Quel soutien pour les participantes de ce sommet mondial que d’entendre cette femme engagée exprimer ce qui la touche dans le travail des YWCA mondiales. Elle mentionne trois aspects remarquables à ses yeux de l’activité du mouvement.

Premièrement, des actions concrètes contribuant à plus d’égalité et de justice, en luttant contre toute forme de discrimination.

Deuxièmement, elle une vision systémique dans l’analyse des problématiques, où tout est lié : la violence qui dépend du statut de la femme dans la famille, des possibilités d’engagement professionnel, lesquels sont liées à la qualité de l’éducation.
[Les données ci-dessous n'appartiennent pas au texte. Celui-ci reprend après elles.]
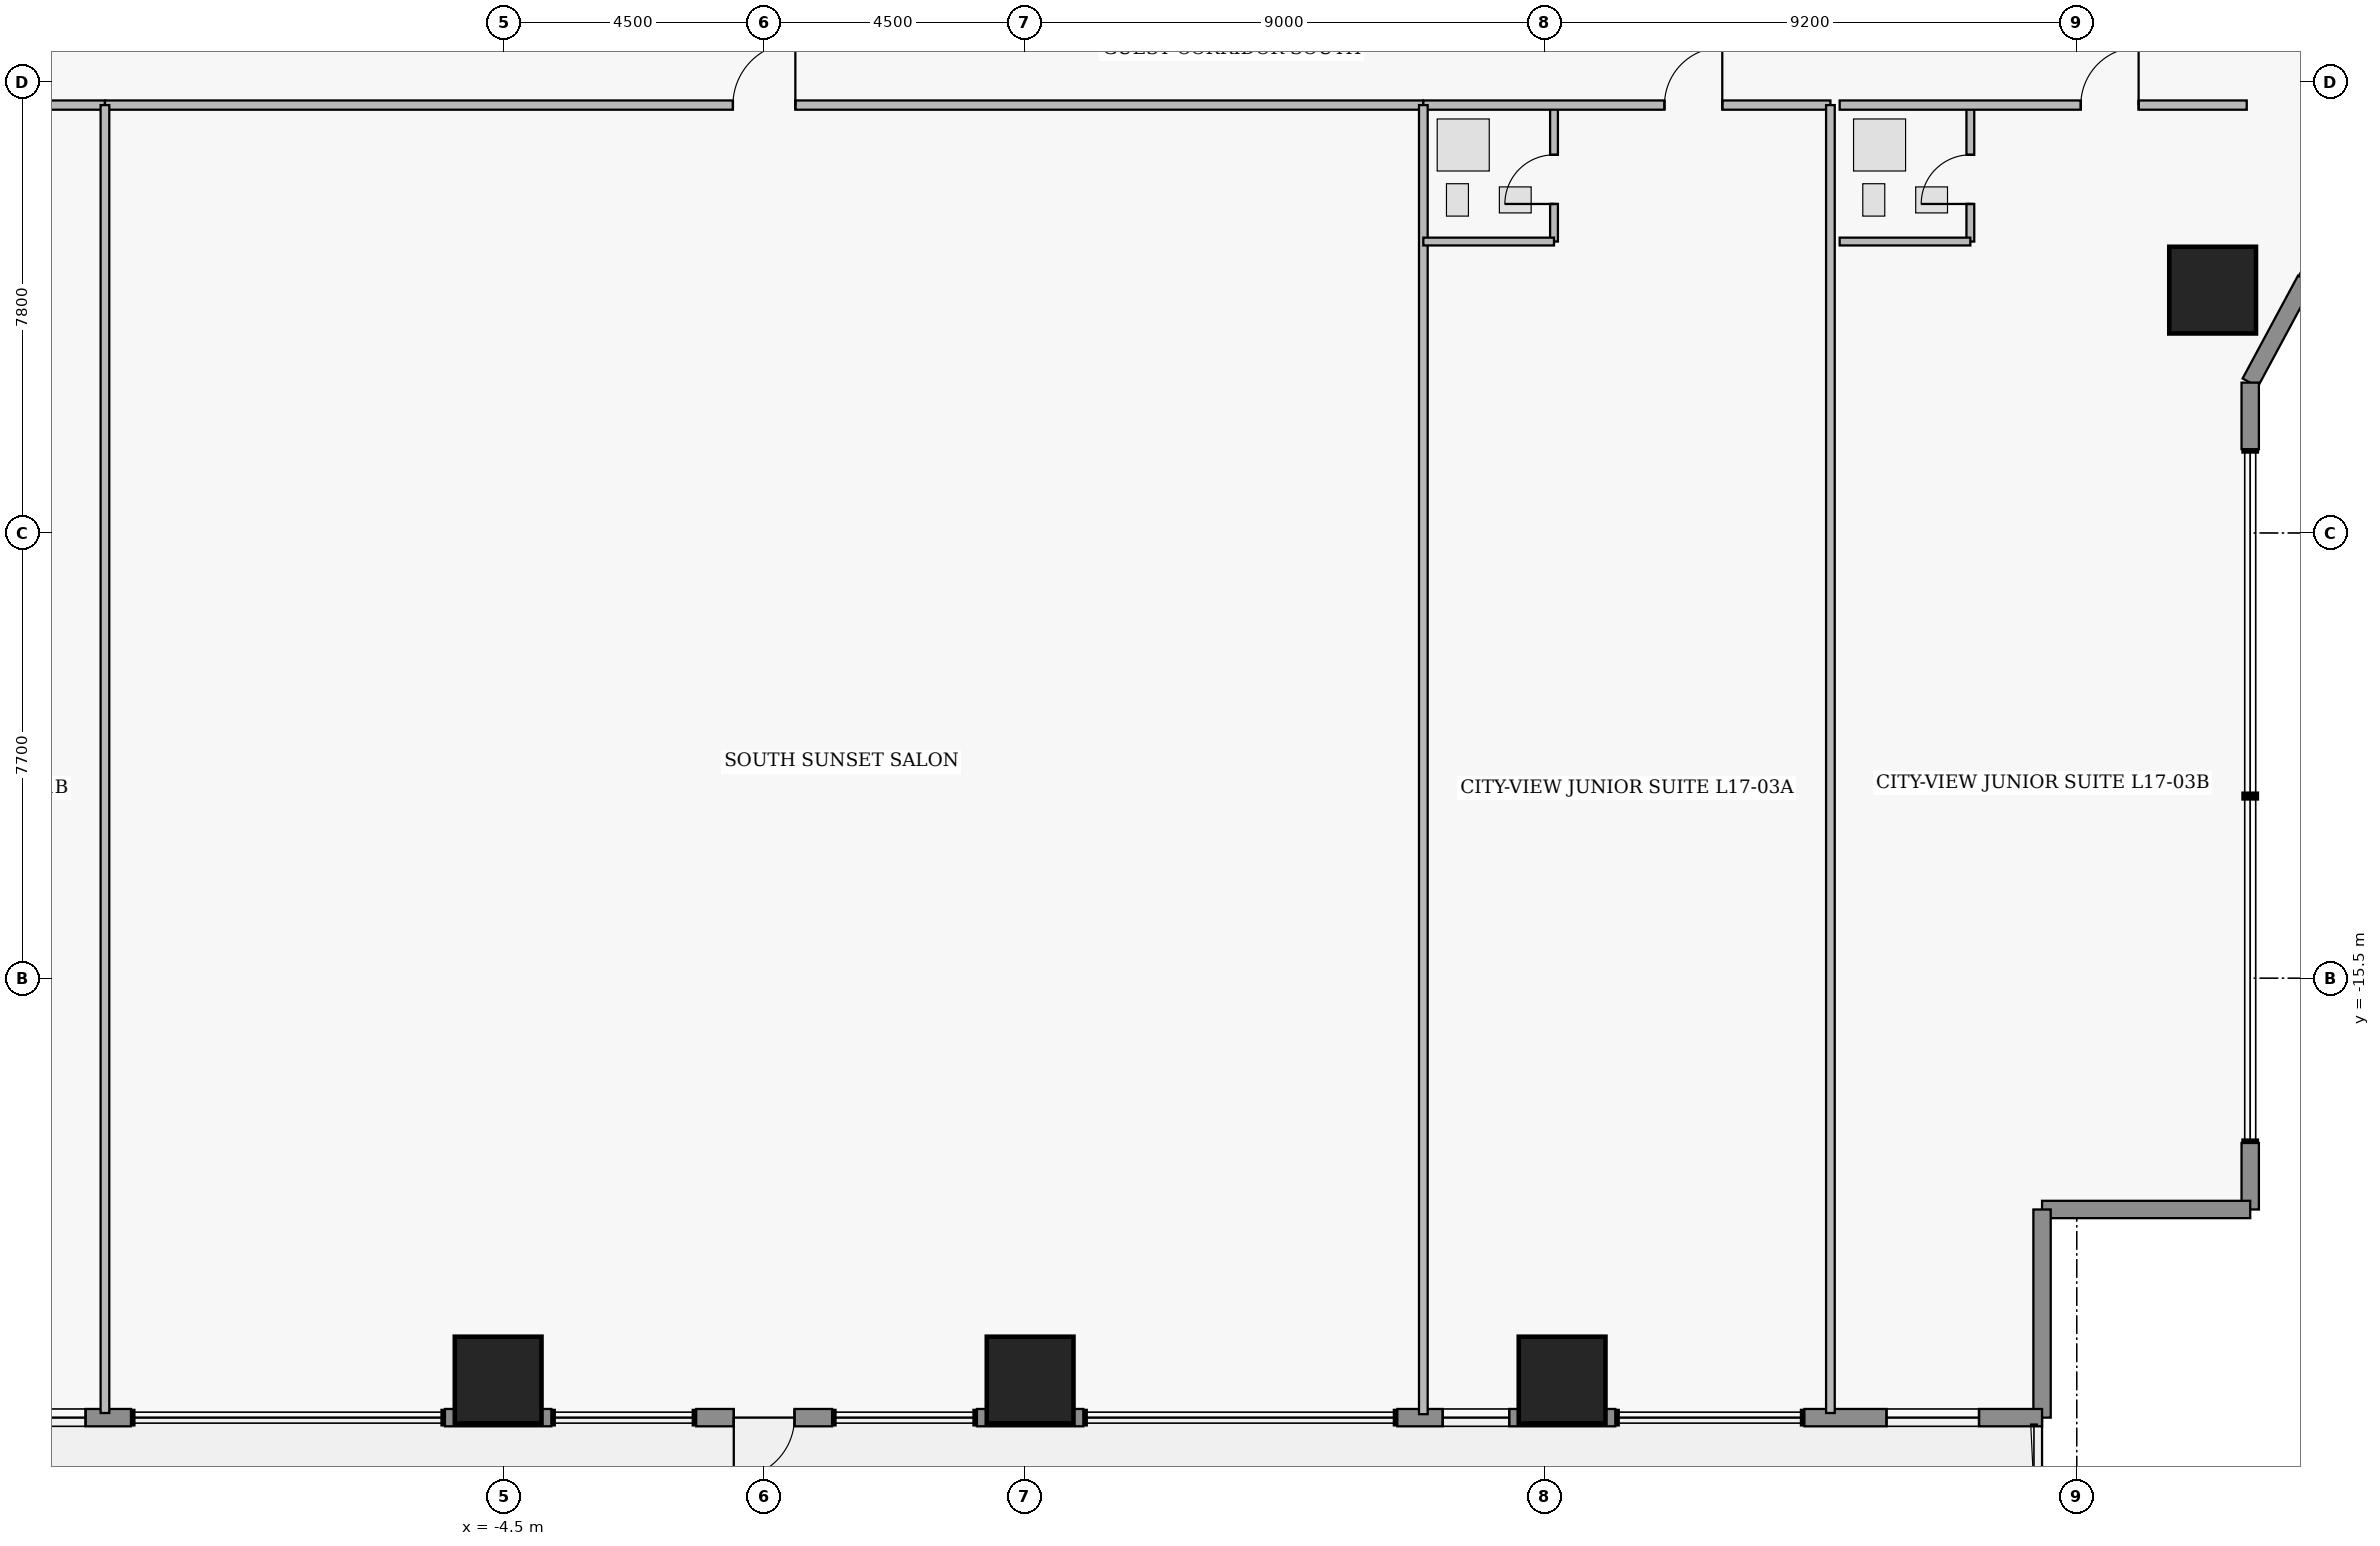
"""IFC4 building model, lengths in metres.
Left out: names, types, materials, properties, quantities, classifications, styles, units other than length and angle.
Written with IfcOpenShell. Run it as: python <this file> out.ifc"""

import sys

from ifc_helpers import new_model, si_unit, direction, frame, frame_2d, origin, origin_2d, place, context, subcontext, project, spatial, rectangle, extrude, element, fill, save


model = new_model("IFC4")
c1 = context("Model", 3, precision=1e-05, world=origin(), true_north=direction((0.0, 1.0)))
c2 = subcontext(c1, "Body", "Model", "MODEL_VIEW")
j1 = project(units=[si_unit("LENGTHUNIT", "METRE"), si_unit("PLANEANGLEUNIT", "RADIAN")], contexts=[c1])
p1 = place(None, origin())
s1 = spatial("IfcSite", under=j1, at=p1, CompositionType="ELEMENT")
p2 = place(p1, origin())
s2 = spatial("IfcBuilding", under=s1, at=p2, CompositionType="ELEMENT")
p3 = place(p2, frame((0.0, 0.0, 71.4)))
s3 = spatial("IfcBuildingStorey", under=s2, at=p3, CompositionType="ELEMENT", Elevation=71.4)
for number, where, z_axis, x_axis in (
    (1, (-4.6, -22.45, 0.0), (0.0, 0.0, 1.0), (1.0, 0.0, 0.0)),
    (2, (4.6, -22.45, 0.0), (0.0, 0.0, 1.0), (1.0, 0.0, 0.0)),
    (3, (13.8, -22.45, 0.0), (0.0, 0.0, 1.0), (1.0, 0.0, 0.0)),
    (4, (25.05, -3.6, 0.0), (0.0, 0.0, 1.0), (1.0, 0.0, 0.0)),
):
    element("IfcColumn", number, at=place(p3, frame(where, z_axis=z_axis, x_axis=x_axis)), inside=s3, PredefinedType="COLUMN", context=c2, shape_type="SweptSolid", body=[
        extrude(rectangle(XDim=1.5, YDim=1.5, at=origin_2d()), origin(), (0.0, 0.0, 1.0), 3.65),
    ])
p4 = place(p3, frame((25.7, 5.2, 0.0), z_axis=(0.0, 0.0, 1.0), x_axis=(0.474109683532, -0.880465790352, 0.0)))
e5 = element("IfcWall", 5, at=p4, inside=s3, PredefinedType="STANDARD", context=c2, shape_type="SweptSolid", body=[
    extrude(rectangle(XDim=5.906, YDim=0.3, at=frame_2d((2.953, 0.0))), origin(), (0.0, 0.0, 1.0), 3.43),
])
p5 = place(p4, frame((2.324, 0.0, 0.95)))
e6 = element("IfcOpeningElement", 6, at=p5, cuts=e5, PredefinedType="OPENING", context=c2, shape_type="SweptSolid", body=[
    extrude(rectangle(XDim=1.15, YDim=1.55, at=frame_2d((0.575, 0.775))), frame((0.0, 0.16, 0.0), z_axis=(0.0, -1.0, 0.0), x_axis=(1.0, 0.0, 0.0)), (0.0, 0.0, 1.0), 0.32),
])
p6 = place(p3, frame((26.658, -3.421, 0.0), z_axis=(0.0, 0.0, 1.0), x_axis=(-0.474121438562, -0.88045946045, 0.0)))
e7 = element("IfcWall", 7, at=p6, inside=s3, PredefinedType="STANDARD", context=c2, shape_type="SweptSolid", body=[
    extrude(rectangle(XDim=2.021, YDim=0.3, at=frame_2d((1.01, 0.0))), origin(), (0.0, 0.0, 1.0), 3.43),
])
p7 = place(p3, frame((25.7, -5.2, 0.0), z_axis=(0.0, 0.0, 1.0), x_axis=(0.0, -1.0, 0.0)))
e8 = element("IfcWall", 8, at=p7, inside=s3, PredefinedType="STANDARD", context=c2, shape_type="SweptSolid", body=[
    extrude(rectangle(XDim=1.15, YDim=0.3, at=frame_2d((0.575, 0.0))), origin(), (0.0, 0.0, 1.0), 3.43),
])
p8 = place(p3, frame((25.7, -18.35, 0.0), z_axis=(0.0, 0.0, 1.0), x_axis=(0.0, -1.0, 0.0)))
e9 = element("IfcWall", 9, at=p8, inside=s3, PredefinedType="STANDARD", context=c2, shape_type="SweptSolid", body=[
    extrude(rectangle(XDim=1.15, YDim=0.3, at=frame_2d((0.575, 0.0))), origin(), (0.0, 0.0, 1.0), 3.43),
])
p9 = place(p3, frame((25.7, -19.5, 0.0), z_axis=(0.0, 0.0, 1.0), x_axis=(-1.0, 0.0, 0.0)))
e10 = element("IfcWall", 10, at=p9, inside=s3, PredefinedType="STANDARD", context=c2, shape_type="SweptSolid", body=[
    extrude(rectangle(XDim=3.6, YDim=0.3, at=frame_2d((1.8, 0.0))), origin(), (0.0, 0.0, 1.0), 3.43),
])
p10 = place(p3, frame((22.1, -19.5, 0.0), z_axis=(0.0, 0.0, 1.0), x_axis=(0.0, -1.0, 0.0)))
e11 = element("IfcWall", 11, at=p10, inside=s3, PredefinedType="STANDARD", context=c2, shape_type="SweptSolid", body=[
    extrude(rectangle(XDim=3.6, YDim=0.3, at=frame_2d((1.8, 0.0))), origin(), (0.0, 0.0, 1.0), 3.43),
])
p11 = place(p3, frame((22.1, -23.1, 0.0), z_axis=(0.0, 0.0, 1.0), x_axis=(-1.0, 0.0, 0.0)))
e12 = element("IfcWall", 12, at=p11, inside=s3, PredefinedType="STANDARD", context=c2, shape_type="SweptSolid", body=[
    extrude(rectangle(XDim=4.11, YDim=0.3, at=frame_2d((2.055, 0.0))), origin(), (0.0, 0.0, 1.0), 3.43),
])
p12 = place(p11, frame((1.09, 0.0, 0.85)))
e13 = element("IfcOpeningElement", 13, at=p12, cuts=e12, PredefinedType="OPENING", context=c2, shape_type="SweptSolid", body=[
    extrude(rectangle(XDim=1.6, YDim=1.8, at=frame_2d((0.8, 0.9))), frame((0.0, 0.16, 0.0), z_axis=(0.0, -1.0, 0.0), x_axis=(1.0, 0.0, 0.0)), (0.0, 0.0, 1.0), 0.32),
])
p13 = place(p3, frame((14.72, -23.1, 0.0), z_axis=(0.0, 0.0, 1.0), x_axis=(-1.0, 0.0, 0.0)))
e14 = element("IfcWall", 14, at=p13, inside=s3, PredefinedType="STANDARD", context=c2, shape_type="SweptSolid", body=[
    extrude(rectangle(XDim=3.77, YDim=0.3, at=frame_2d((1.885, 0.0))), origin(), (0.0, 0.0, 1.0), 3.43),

Pour elle, il s’agit de continuer à mobiliser un système millénaire, mis en mouvement il y a déjà cent ans, mais qu’il s’agit de continuer à faire évoluer. Notamment pour que les différentes formes de discriminations ne se nourrissent pas les unes les autres.

Troisièmement, le fait de mettre l’accent dans ce Sommet mondial sur les pires discriminations, les souffrances les plus extrêmes, implique de mobiliser la solidarité profonde de tous, afin de ne pas laisser de côté les femmes sacrifiées dans de nombreux domaines. En les thématisant, ce sont toutes les autres souffrances qui sont ainsi prises en compte. Sûr que la voix profonde avec laquelle cette femme modèle s’est exprimée et le fait de s’adresser à des « consœurs », a réconforté et renouvelé l’énergie de celles engagées sur le terrain et qui vivent ces souffrances en direct ou dans leur propre existence.

C’est également en sa qualité d’experte du terrain que Ruth Dreifuss a transmis ses réflexions et conseils aux responsables des YWCA mondiales, en ces termes: Sur la base des analyses à la fois locales et globales, comment aller plus loin ? Il convient de chercher des alliés, à solliciter de manière spécifique et de cas en cas, en fonction des objectifs visés; il faut exiger des comptes, dans l’idée qu’il n’est pas acceptable que des politiciens ne tiennent pas leurs promesses. Il faut exiger la mise en œuvre des instruments juridiques et légaux qui sont votés, et faire en sorte que des femmes soient engagées dans les groupes qui les mettent en application. Il est important d’offrir aux femmes des espaces pour qu’elles puissent se développer, se former, oser prendre des responsabilités politiques, au plus haut niveau, même avec la peur au ventre les premières fois. Il faut également dénoncer le fait que les femmes soient sous-représentées dans les gouvernements, montrer leurs compétences.

Pour ce faire, il faut grimper les échelons à plusieurs, dans le but d’avoir davantage de forces pour tirer ensuite les autres et atteindre ainsi une masse critique suffisante. Enfin, il est fondamental d’utiliser les instruments formels existants pour argumenter les revendications des femmes sur le terrain. Et en conclusion, il est important que celles qui occupent des postes à responsabilités continuent à s’inspirer du travail de la base, sans quoi elles ne sont rien et ne fassent pas de vaines promesses.

En résumé, un plaidoyer pour créer des espaces sûrs, favoriser la prise de responsabilités, et l’obligation de changer les choses qui sont possibles.